HTML_purifier used to be all the rage a while ago, everytime someone mentioned filtering tags - anyone know if it is as potent and well thought of as it used to be?
That’s interesting. What’s the best way to block this type of attack?
It seems especially problematic in public spaces where you need to enable users to insert html code. I don’t fully understand how this works, but it looks like the attack can be fully disguised. Blocking special characters would work, but there are many times when special characters can’t be blocked.
Is it possible to run the message through decoding operations, checking for malicious code between each conversion.
@rashidr reading the title and question you originally posed again, I would take the view that if you stipulate ‘no html’ clearly enough on your interface - then you are justified in aborting the operation if you find just one single opening or closing tag.
That’s very easy to do. For real humans who make a mistake, and you would like to be kind to them you can also detect the inclusion of a < or > and pop up an alert in JS to warn them.
The bots will not of course run into this JS alert problem, hence your fallback position in all cases must remain:
//pseudo code
if( exists a > < or < or > ) die();
Then just escape the data properly as you store it.
It seems especially problematic in public spaces where you need to enable users to insert html code. I don’t fully understand how this works, but it looks like the attack can be fully disguised.
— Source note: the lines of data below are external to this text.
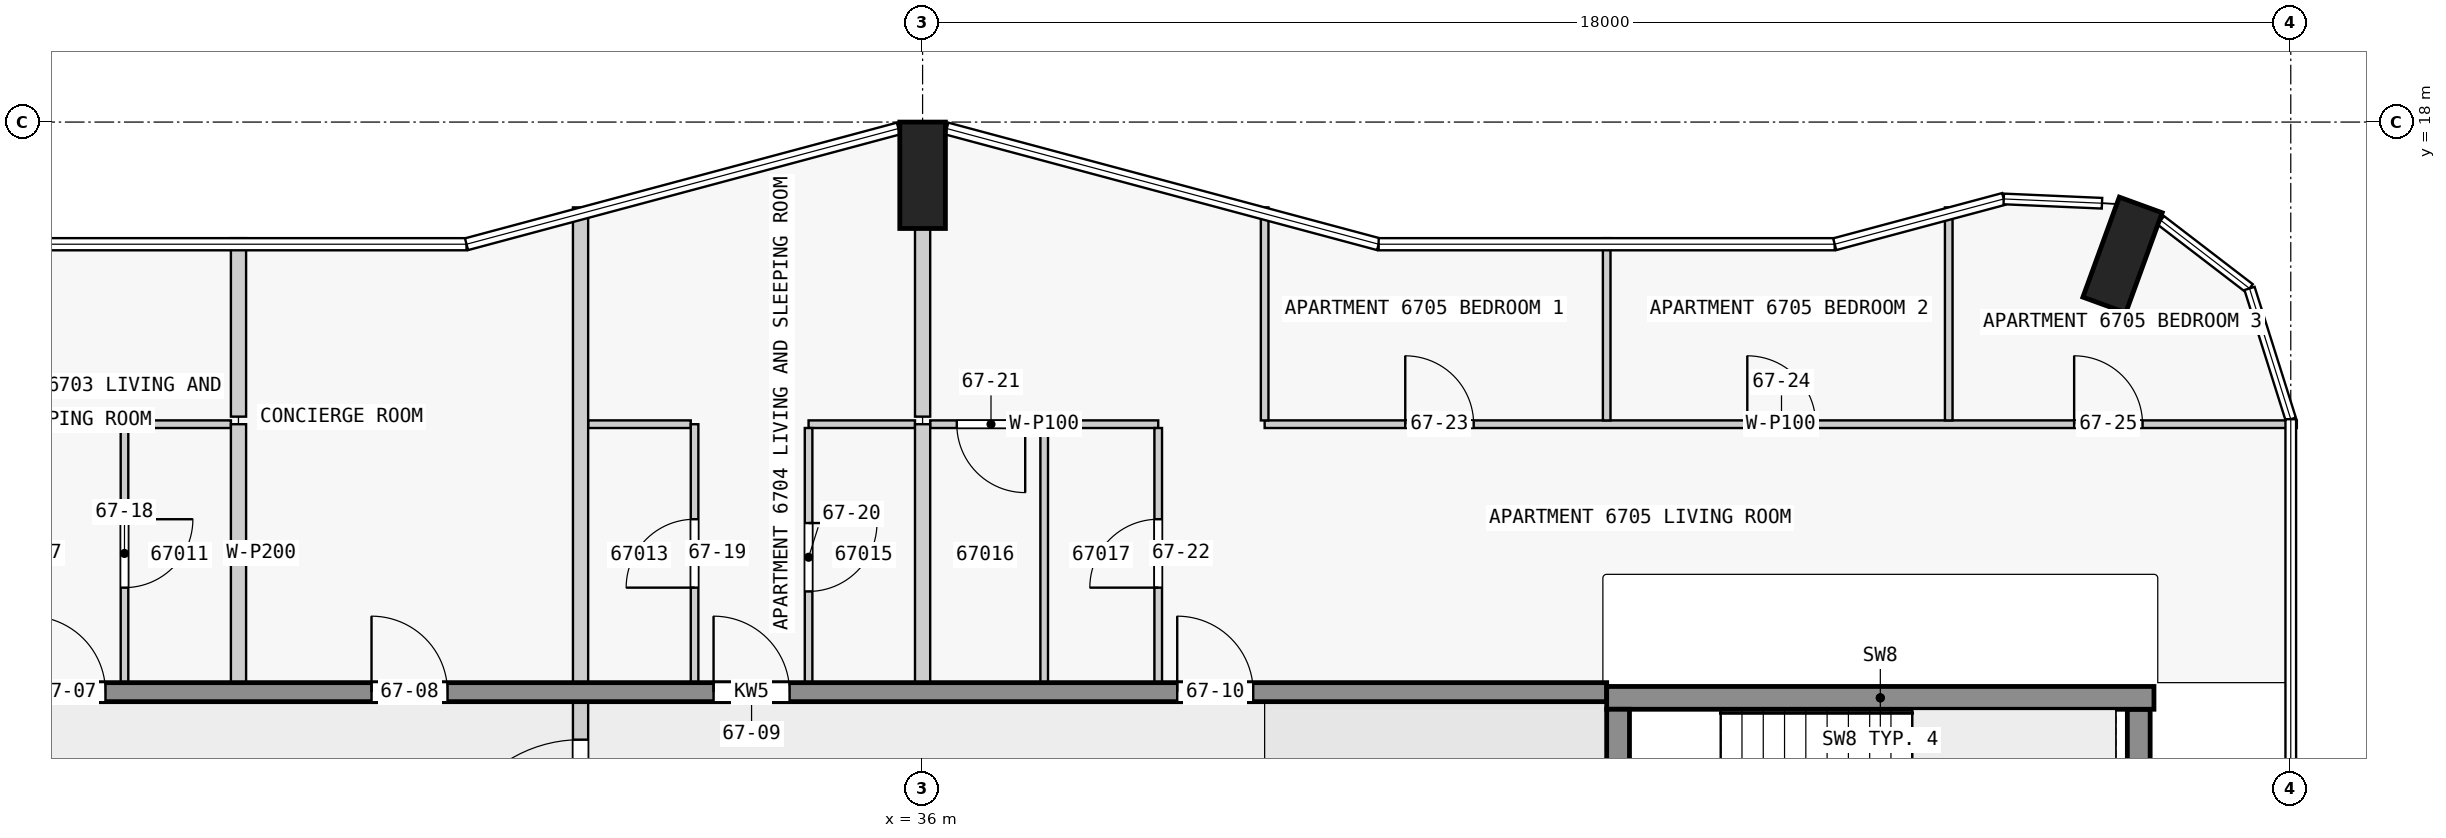
"""IFC4 building model, lengths in metres.
Left out: names, types, materials, properties, quantities, classifications, styles, units other than length and angle.
Written with IfcOpenShell. Run it as: python <this file> out.ifc"""

import sys

from ifc_helpers import new_model, si_unit, direction, frame, frame_2d, origin, origin_2d, place, context, subcontext, project, spatial, rectangle, extrude, element, fill, save


model = new_model("IFC4")
c1 = context("Model", 3, precision=1e-05, world=origin(), true_north=direction((0.0, 1.0)))
c2 = subcontext(c1, "Body", "Model", "MODEL_VIEW")
j1 = project(units=[si_unit("LENGTHUNIT", "METRE"), si_unit("PLANEANGLEUNIT", "RADIAN")], contexts=[c1])
p1 = place(None, origin())
s1 = spatial("IfcSite", under=j1, at=p1, CompositionType="ELEMENT")
p2 = place(p1, origin())
s2 = spatial("IfcBuilding", under=s1, at=p2, CompositionType="ELEMENT")
p3 = place(p2, frame((0.0, 0.0, 256.4)))
s3 = spatial("IfcBuildingStorey", under=s2, at=p3, CompositionType="ELEMENT", Elevation=256.4)
for number, where, z_axis, x_axis in (
    (1, (51.787, 16.252, 0.0), (0.0, 0.0, 1.0), (-0.94, 0.342, 0.0)),
    (2, (36.0, 17.3, 0.0), (0.0, 0.0, 1.0), (1.0, 0.0, 0.0)),
):
    element("IfcColumn", number, at=place(p3, frame(where, z_axis=z_axis, x_axis=x_axis)), inside=s3, PredefinedType="COLUMN", context=c2, shape_type="SweptSolid", body=[
        extrude(rectangle(XDim=0.6, YDim=1.4, at=origin_2d()), origin(), (0.0, 0.0, 1.0), 3.5),
    ])
p4 = place(p3, frame((45.15, 7.725, 0.0), z_axis=(0.0, 0.0, 1.0), x_axis=(0.0, 1.0, 0.0)))
e3 = element("IfcWall", 3, at=p4, inside=s3, PredefinedType="SHEAR", context=c2, shape_type="SweptSolid", body=[
    extrude(rectangle(XDim=2.55, YDim=0.3, at=frame_2d((1.275, 0.0))), origin(), (0.0, 0.0, 1.0), 3.5),
])
p5 = place(p4, frame((0.725, 0.0, 0.0)))
e4 = element("IfcOpeningElement", 4, at=p5, cuts=e3, PredefinedType="OPENING", context=c2, shape_type="SweptSolid", body=[
    extrude(rectangle(XDim=1.1, YDim=2.1, at=frame_2d((0.55, 1.05))), frame((0.0, 0.16, 0.0), z_axis=(0.0, -1.0, 0.0), x_axis=(1.0, 0.0, 0.0)), (0.0, 0.0, 1.0), 0.32),
])
p6 = place(p3, frame((52.0, 7.725, 0.0), z_axis=(0.0, 0.0, 1.0), x_axis=(0.0, 1.0, 0.0)))
e5 = element("IfcWall", 5, at=p6, inside=s3, PredefinedType="SHEAR", context=c2, shape_type="SweptSolid", body=[
    extrude(rectangle(XDim=2.55, YDim=0.3, at=frame_2d((1.275, 0.0))), origin(), (0.0, 0.0, 1.0), 3.5),
])
p7 = place(p3, frame((45.0, 10.425, 0.0), z_axis=(0.0, 0.0, 1.0), x_axis=(1.0, 0.0, 0.0)))
e6 = element("IfcWall", 6, at=p7, inside=s3, PredefinedType="SHEAR", context=c2, shape_type="SweptSolid", body=[
    extrude(rectangle(XDim=7.2, YDim=0.3, at=frame_2d((3.6, 0.0))), origin(), (0.0, 0.0, 1.0), 3.5),
])
p8 = place(p3, frame((22.5, 10.5, 0.0), z_axis=(0.0, 0.0, 1.0), x_axis=(1.0, 0.0, 0.0)))
e7 = element("IfcWall", 7, at=p8, inside=s3, PredefinedType="SHEAR", context=c2, shape_type="SweptSolid", body=[
    extrude(rectangle(XDim=22.5, YDim=0.25, at=frame_2d((11.25, 0.0))), origin(), (0.0, 0.0, 1.0), 3.25),
])
p9 = place(p8, frame((1.75, 0.0, 0.0)))
e8 = element("IfcOpeningElement", 8, at=p9, cuts=e7, PredefinedType="OPENING", context=c2, shape_type="SweptSolid", body=[
    extrude(rectangle(XDim=1.0, YDim=2.1, at=frame_2d((0.5, 1.05))), frame((0.0, 0.135, 0.0), z_axis=(0.0, -1.0, 0.0), x_axis=(1.0, 0.0, 0.0)), (0.0, 0.0, 1.0), 0.27),
])
p10 = place(p8, frame((6.25, 0.0, 0.0)))
e9 = element("IfcOpeningElement", 9, at=p10, cuts=e7, PredefinedType="OPENING", context=c2, shape_type="SweptSolid", body=[
    extrude(rectangle(XDim=1.0, YDim=2.1, at=frame_2d((0.5, 1.05))), frame((0.0, 0.135, 0.0), z_axis=(0.0, -1.0, 0.0), x_axis=(1.0, 0.0, 0.0)), (0.0, 0.0, 1.0), 0.27),
])
p11 = place(p8, frame((10.75, 0.0, 0.0)))
e10 = element("IfcOpeningElement", 10, at=p11, cuts=e7, PredefinedType="OPENING", context=c2, shape_type="SweptSolid", body=[
    extrude(rectangle(XDim=1.0, YDim=2.1, at=frame_2d((0.5, 1.05))), frame((0.0, 0.135, 0.0), z_axis=(0.0, -1.0, 0.0), x_axis=(1.0, 0.0, 0.0)), (0.0, 0.0, 1.0), 0.27),
])
p12 = place(p8, frame((16.85, 0.0, 0.0)))
e11 = element("IfcOpeningElement", 11, at=p12, cuts=e7, PredefinedType="OPENING", context=c2, shape_type="SweptSolid", body=[
    extrude(rectangle(XDim=1.0, YDim=2.1, at=frame_2d((0.5, 1.05))), frame((0.0, 0.135, 0.0), z_axis=(0.0, -1.0, 0.0), x_axis=(1.0, 0.0, 0.0)), (0.0, 0.0, 1.0), 0.27),
])
for number, where, z_axis, x_axis in (
    (12, (26.9, 14.025, 0.0), (0.0, 0.0, 1.0), (-1.0, 0.0, 0.0)),
    (13, (32.95, 14.025, 0.0), (0.0, 0.0, 1.0), (-1.0, 0.0, 0.0)),
):
    element("IfcWall", number, at=place(p3, frame(where, z_axis=z_axis, x_axis=x_axis)), inside=s3, PredefinedType="PARTITIONING", context=c2, shape_type="SweptSolid", body=[
        extrude(rectangle(XDim=1.35, YDim=0.1, at=frame_2d((0.675, 0.0))), origin(), (0.0, 0.0, 1.0), 3.25),
    ])
p13 = place(p3, frame((35.9, 14.025, 0.0), z_axis=(0.0, 0.0, 1.0), x_axis=(-1.0, 0.0, 0.0)))
e14 = element("IfcWall", 14, at=p13, inside=s3, PredefinedType="PARTITIONING", context=c2, shape_type="SweptSolid", body=[
    extrude(rectangle(XDim=1.4, YDim=0.1, at=frame_2d((0.7, 0.0))), origin(), (0.0, 0.0, 1.0), 3.25),
])
p14 = place(p3, frame((39.1, 14.025, 0.0), z_axis=(0.0, 0.0, 1.0), x_axis=(-1.0, 0.0, 0.0)))
e15 = element("IfcWall", 15, at=p14, inside=s3, PredefinedType="PARTITIONING", context=c2, shape_type="SweptSolid", body=[
    extrude(rectangle(XDim=3.0, YDim=0.1, at=frame_2d((1.5, 0.0))), origin(), (0.0, 0.0, 1.0), 3.25),
])
p15 = place(p14, frame((1.75, 0.0, 0.0)))
e16 = element("IfcOpeningElement", 16, at=p15, cuts=e15, PredefinedType="OPENING", context=c2, shape_type="SweptSolid", body=[
    extrude(rectangle(XDim=0.9, YDim=2.1, at=frame_2d((0.45, 1.05))), frame((0.0, 0.06, 0.0), z_axis=(0.0, -1.0, 0.0), x_axis=(1.0, 0.0, 0.0)), (0.0, 0.0, 1.0), 0.12),
])
p16 = place(p3, frame((40.5, 14.025, 0.0), z_axis=(0.0, 0.0, 1.0), x_axis=(1.0, 0.0, 0.0)))
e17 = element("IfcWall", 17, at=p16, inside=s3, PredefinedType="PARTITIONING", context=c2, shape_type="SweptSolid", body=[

Blocking special characters would work, but there are many times when special characters can’t be blocked.
That was the particular task HTML_Purifier was designed for, although as I said, I am unsure about what has happened to it, or indeed if any of the PHP5 Filter classes now deals with this issue.
Many of attack vectors use attributes within the tags (ie <b id=“attack in here”>), not the tags themselves and as such this is a difficult thing to pull off on your own.